Abstract
This Diagnostic/Prognostic Study evaluates the performance of a large language model in generating answers to practice questions for the neonatal-perinatal board examination.
Large language models (LLMs) have demonstrated an impressive mastery of clinical knowledge, including diagnostic medicine,1,2 and have shown good performance on medical licensing examination questions.3 We assessed the performance of a popular LLM on practice questions for the neonatal-perinatal board examination.4
Methods
The institutional review board at Harvard Medical School deemed this not human subjects research, so consent waivers and institutional review board approval were unnecessary. We extracted all multiple-choice questions from a neonatal-perinatal medicine board examination preparation book.4 There were 936 eligible questions after excluding those containing images or equations, and each was categorized according to Bloom taxonomy as knowledge recall, simple reasoning, or multilogical reasoning.
Each eligible question was entered into ChatGPT version 3.5 by 2 independent raters between February 1 and 14, 2023, to estimate accuracy and self-agreement in the LLM’s responses. We instructed the LLM to “Please select the most appropriate answer and explain your reasoning step-by-step,” yielding a selected answer and a short passage of text containing the LLM’s answer justification. We calculated the percentage of correct answers on each medical topic in addition to overall accuracy. Two board-certified neonatologists (D.B. and C.M.) with extensive board question writing experience and coeditors of Neonatology Review evaluated 10 justifications from each topic provided by the LLM using a standardized rubric previously introduced5 to evaluate LLMs.
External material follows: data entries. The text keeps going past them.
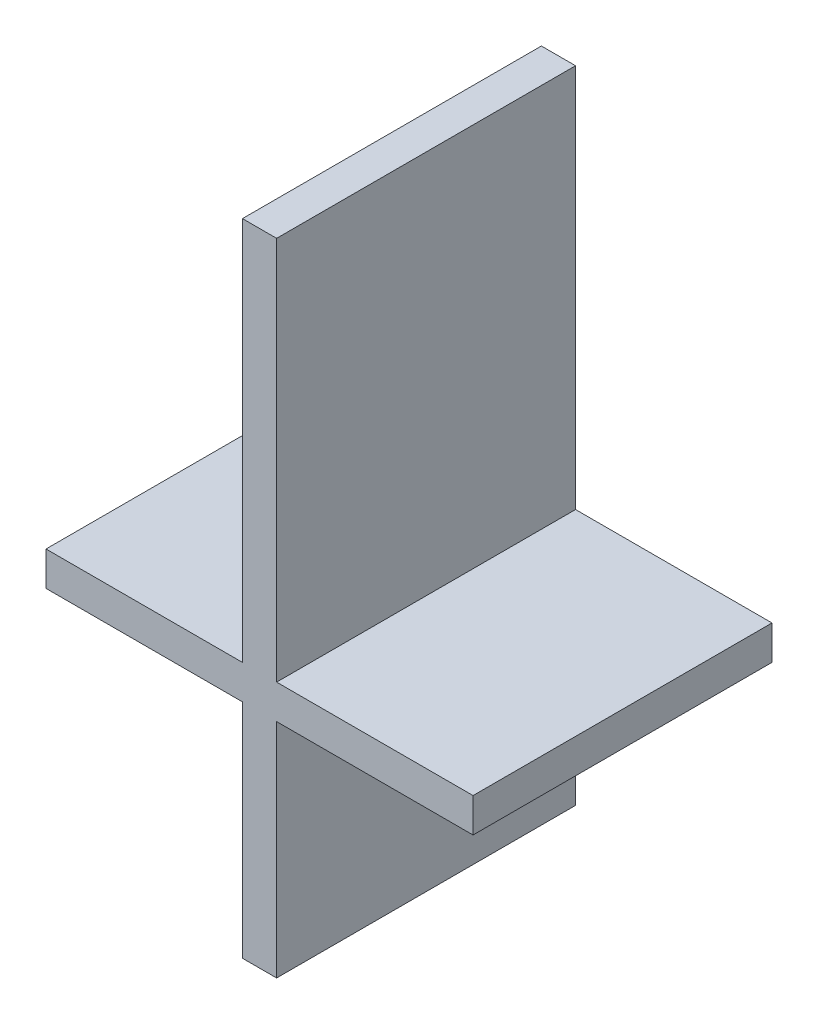
from build123d import *

# Parameters (mm, degrees)
BOSS_EXTRUDE1_DEPTH = 70


with BuildPart() as part:
    # Sketch1 → Boss-Extrude1 (new body)
    with BuildSketch(Plane.XY):
        Polygon((4, -4), (4, -56), (-4, -56), (-4, -4), (-50, -4), (-50, 4), (-4, 4), (-4, 94), (4, 94), (4, 4), (50, 4), (50, -4), align=None)
    extrude(amount=BOSS_EXTRUDE1_DEPTH)


solid = part.part
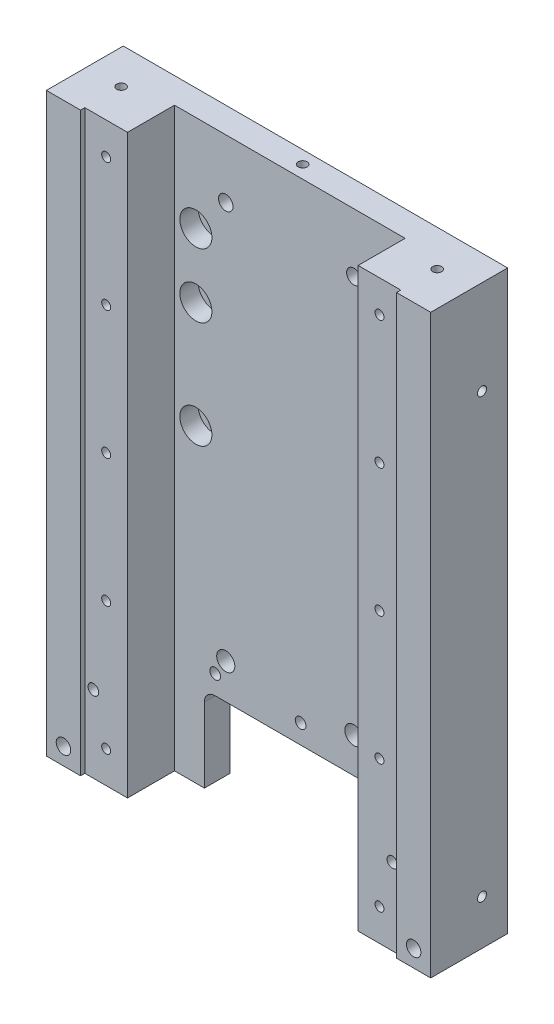
from build123d import *

# Parameters (mm, degrees)
SKETCH_1_W                     = 180
SKETCH_1_H                     = 270
EXTRUDE_1_DEPTH                = 34
SKETCH_2_W                     = 108
SKETCH_2_H                     = 22
CUT_EXTRUDE_1_DEPTH            = 287.628679654
SKETCH_3_W                     = 16
SKETCH_3_H                     = 270
EXTRUDE_2_DEPTH                = 2
HOLE_WIZARD_M8_1_D             = 6.8
HOLE_WIZARD_M8_1_DEPTH         = 19.75
HOLE_WIZARD_M8_1_TIP           = 2.042926105
SKETCH_6_W                     = 80
SKETCH_6_H                     = 40
CUT_EXTRUDE_2_DEPTH            = 165.015243194
FILLET_1_R                     = 5
HOLE_WIZARD_M5_1_D             = 4.2
HOLE_WIZARD_M5_1_DEPTH         = 12.4
HOLE_WIZARD_M5_1_TIP           = 1.2618073
HOLE_WIZARD_M6_1_D             = 5
HOLE_WIZARD_M6_1_DEPTH         = 15
HOLE_WIZARD_M6_1_TIP           = 1.502151548
HOLE_WIZARD_M8_2_D             = 6.8
HOLE_WIZARD_M10_1_D            = 8.5
HOLE_WIZARD_M8_1_2_D           = 9
HOLE_WIZARD_M8_1_2_CBORE_D     = 15
HOLE_WIZARD_M8_1_2_CBORE_DEPTH = 8.6
HOLE_WIZARD_M5_3_D             = 4.2
HOLE_WIZARD_M5_3_DEPTH         = 12.4
HOLE_WIZARD_M5_3_TIP           = 1.2618073
HOLE_WIZARD_M5_4_D             = 4.2
HOLE_WIZARD_M5_4_DEPTH         = 12.4
HOLE_WIZARD_M5_4_TIP           = 1.2618073
HOLE_WIZARD_M6_2_D             = 5
HOLE_WIZARD_M4_1_D             = 3.3
HOLE_WIZARD_M4_1_DEPTH         = 10.1
HOLE_WIZARD_M4_1_TIP           = 0.991420021
HOLE_WIZARD_M5_5_D             = 4.2
HOLE_WIZARD_M5_5_DEPTH         = 12.4
HOLE_WIZARD_M5_5_TIP           = 1.2618073


with BuildPart() as part:
    # 草图1 → 凸台-拉伸1 (new body)
    with BuildSketch(Plane.XY):
        Rectangle(SKETCH_1_W, SKETCH_1_H)
    extrude(amount=EXTRUDE_1_DEPTH)

    # 草图2 → 切除-拉伸1 (cut, through all)
    with BuildSketch(Plane.XZ.offset(135)):
        with Locations((0, 23)):
            Rectangle(SKETCH_2_W, SKETCH_2_H)
    extrude(amount=-CUT_EXTRUDE_1_DEPTH, mode=Mode.SUBTRACT)

    # 草图3 → 凸台-拉伸2 (add)
    with BuildSketch(Plane.XY.offset(34)):
        with Locations((-82, 0)):
            Rectangle(SKETCH_3_W, SKETCH_3_H)
        with Locations((82, 0)):
            Rectangle(SKETCH_3_W, SKETCH_3_H)
    extrude(amount=EXTRUDE_2_DEPTH)

    # Hole Wizard M8 _1
    with Locations(Plane.XY.offset(36)):
        with Locations((-82, -127), (82, -127)):
            Hole(HOLE_WIZARD_M8_1_D / 2, depth=HOLE_WIZARD_M8_1_DEPTH)
            with Locations((0, 0, -(HOLE_WIZARD_M8_1_DEPTH + HOLE_WIZARD_M8_1_TIP / 2))):  # 118° drill point
                Cone(0, HOLE_WIZARD_M8_1_D / 2, HOLE_WIZARD_M8_1_TIP, mode=Mode.SUBTRACT)

    # 草图6 → 切除-拉伸2 (cut, through all)
    with BuildSketch(Plane.XY.offset(12)):
        with Locations((0, -115)):
            Rectangle(SKETCH_6_W, SKETCH_6_H)
    extrude(amount=-CUT_EXTRUDE_2_DEPTH, mode=Mode.SUBTRACT)

    # 圆角1
    fillet_1_edges = [part.edges().sort_by_distance(p)[0] for p in [
        (40, -95, 6),
        (-40, -95, 6),
    ]]
    fillet(fillet_1_edges, radius=FILLET_1_R)

    # M5 螺纹孔1
    with Locations(Plane(origin=(0, 135, 0), x_dir=(1, 0, 0), z_dir=(0, 1, 0))):
        with Locations((-74, -17), (74, -17), (0, -6)):
            Hole(HOLE_WIZARD_M5_1_D / 2, depth=HOLE_WIZARD_M5_1_DEPTH)
            with Locations((0, 0, -(HOLE_WIZARD_M5_1_DEPTH + HOLE_WIZARD_M5_1_TIP / 2))):  # 118° drill point
                Cone(0, HOLE_WIZARD_M5_1_D / 2, HOLE_WIZARD_M5_1_TIP, mode=Mode.SUBTRACT)

    # M6 螺纹孔1
    with Locations(Plane(origin=(0, 0, 0), x_dir=(-1, 0, 0), z_dir=(0, 0, -1))):
        with Locations((-45.042166393, -86), (-5.042166393, -86), (34.957833607, -86)):
            Hole(HOLE_WIZARD_M6_1_D / 2, depth=HOLE_WIZARD_M6_1_DEPTH)
            with Locations((0, 0, -(HOLE_WIZARD_M6_1_DEPTH + HOLE_WIZARD_M6_1_TIP / 2))):  # 118° drill point
                Cone(0, HOLE_WIZARD_M6_1_D / 2, HOLE_WIZARD_M6_1_TIP, mode=Mode.SUBTRACT)

    # M8 螺纹孔2 (through all)
    with Locations(Plane.XY.offset(12)):
        with Locations((-30, 107.5), (30, 107.5)):
            Hole(HOLE_WIZARD_M8_2_D / 2)

    # M10 螺纹孔1 (through all)
    with Locations(Plane.XY.offset(12)):
        with Locations((-30, -78.5), (30, -78.5)):
            Hole(HOLE_WIZARD_M10_1_D / 2)

    # Hole Wizard M8 _1 2 (through all)
    with Locations(Plane.XY.offset(12)):
        with Locations((-44, 90.038874186), (-44, 10), (-44, 60), (44, 60), (44, 10), (44, 90.038874186)):
            CounterBoreHole(HOLE_WIZARD_M8_1_2_D / 2, HOLE_WIZARD_M8_1_2_CBORE_D / 2, HOLE_WIZARD_M8_1_2_CBORE_DEPTH)

    # M5 螺纹孔3
    with Locations(Plane.ZY.offset(90)):
        with Locations((12, 91), (12, -114)):
            Hole(HOLE_WIZARD_M5_3_D / 2, depth=HOLE_WIZARD_M5_3_DEPTH)
            with Locations((0, 0, -(HOLE_WIZARD_M5_3_DEPTH + HOLE_WIZARD_M5_3_TIP / 2))):  # 118° drill point
                Cone(0, HOLE_WIZARD_M5_3_D / 2, HOLE_WIZARD_M5_3_TIP, mode=Mode.SUBTRACT)

    # M5 螺纹孔4
    with Locations(Plane(origin=(90, 0, 0), x_dir=(0, 0, -1), z_dir=(1, 0, 0))):
        with Locations((-12, 91), (-12, -114)):
            Hole(HOLE_WIZARD_M5_4_D / 2, depth=HOLE_WIZARD_M5_4_DEPTH)
            with Locations((0, 0, -(HOLE_WIZARD_M5_4_DEPTH + HOLE_WIZARD_M5_4_TIP / 2))):  # 118° drill point
                Cone(0, HOLE_WIZARD_M5_4_D / 2, HOLE_WIZARD_M5_4_TIP, mode=Mode.SUBTRACT)

    # M6 螺纹孔2 (through all)
    with Locations(Plane(origin=(0, 0, 0), x_dir=(-1, 0, 0), z_dir=(0, 0, -1))):
        with Locations((-70, -99), (70, -99)):
            Hole(HOLE_WIZARD_M6_2_D / 2)

    # M4 螺纹孔1
    with Locations(Plane(origin=(0, 0, 0), x_dir=(-1, 0, 0), z_dir=(0, 0, -1))):
        with Locations((-87, 32), (-87, -47), (-87, -126), (87, -126), (87, -47), (87, 32)):
            Hole(HOLE_WIZARD_M4_1_D / 2, depth=HOLE_WIZARD_M4_1_DEPTH)
            with Locations((0, 0, -(HOLE_WIZARD_M4_1_DEPTH + HOLE_WIZARD_M4_1_TIP / 2))):  # 118° drill point
                Cone(0, HOLE_WIZARD_M4_1_D / 2, HOLE_WIZARD_M4_1_TIP, mode=Mode.SUBTRACT)

    # M5 螺纹孔5
    with Locations(Plane.XY.offset(34)):
        with Locations((-64, 0), (-64, 60), (-64, 120), (-64, -120), (-64, -60), (64, -60), (64, -120), (64, 120), (64, 60), (64, 0)):
            Hole(HOLE_WIZARD_M5_5_D / 2, depth=HOLE_WIZARD_M5_5_DEPTH)
            with Locations((0, 0, -(HOLE_WIZARD_M5_5_DEPTH + HOLE_WIZARD_M5_5_TIP / 2))):  # 118° drill point
                Cone(0, HOLE_WIZARD_M5_5_D / 2, HOLE_WIZARD_M5_5_TIP, mode=Mode.SUBTRACT)


solid = part.part

This rubric assesses alignment to several important categories.
Results
The LLM generated correct answers for 424 (first rater) and 428 (second rater) of 936 questions (Table 1), though there was considerable variation in accuracy across topics, with the lowest being 37.5% correct in gastroenterology (15 of 40) and the highest being 78.5% in ethics (11 of 40). The LLM’s self-agreement was 86%, ranging from 80% in fluids, electrolytes, and nutrition to 100% in ethics. The LLM did worse on multilogical questions (23 of 68 [33.8%] correct) compared to knowledge recall (61 of 110 [55.5%] correct) and basic clinical reasoning questions (56 of 127 [44.1%] correct). The LLM answer justifications showed some evidence of appropriate reasoning on 299 of 305 (98.0%) and 292 of 305 (95.7%) questions, respectively, although these justifications were fully aligned with scientific consensus on only 140 of 305 (54.0%) (Table 2). The LLM provided information that was factually incorrect in 96 of 305 (31.5%) and had errors of omission in 97 of 305 (31.8%) of its justifications. There was little evidence of harm or bias in the justifications (6 and 4 of 305, respectively).
Table 1. Summary of Large Language Model (LLM) Accuracy and Agreement on Neonatal-Perinatal Medicine Board Examination Questions by Topic.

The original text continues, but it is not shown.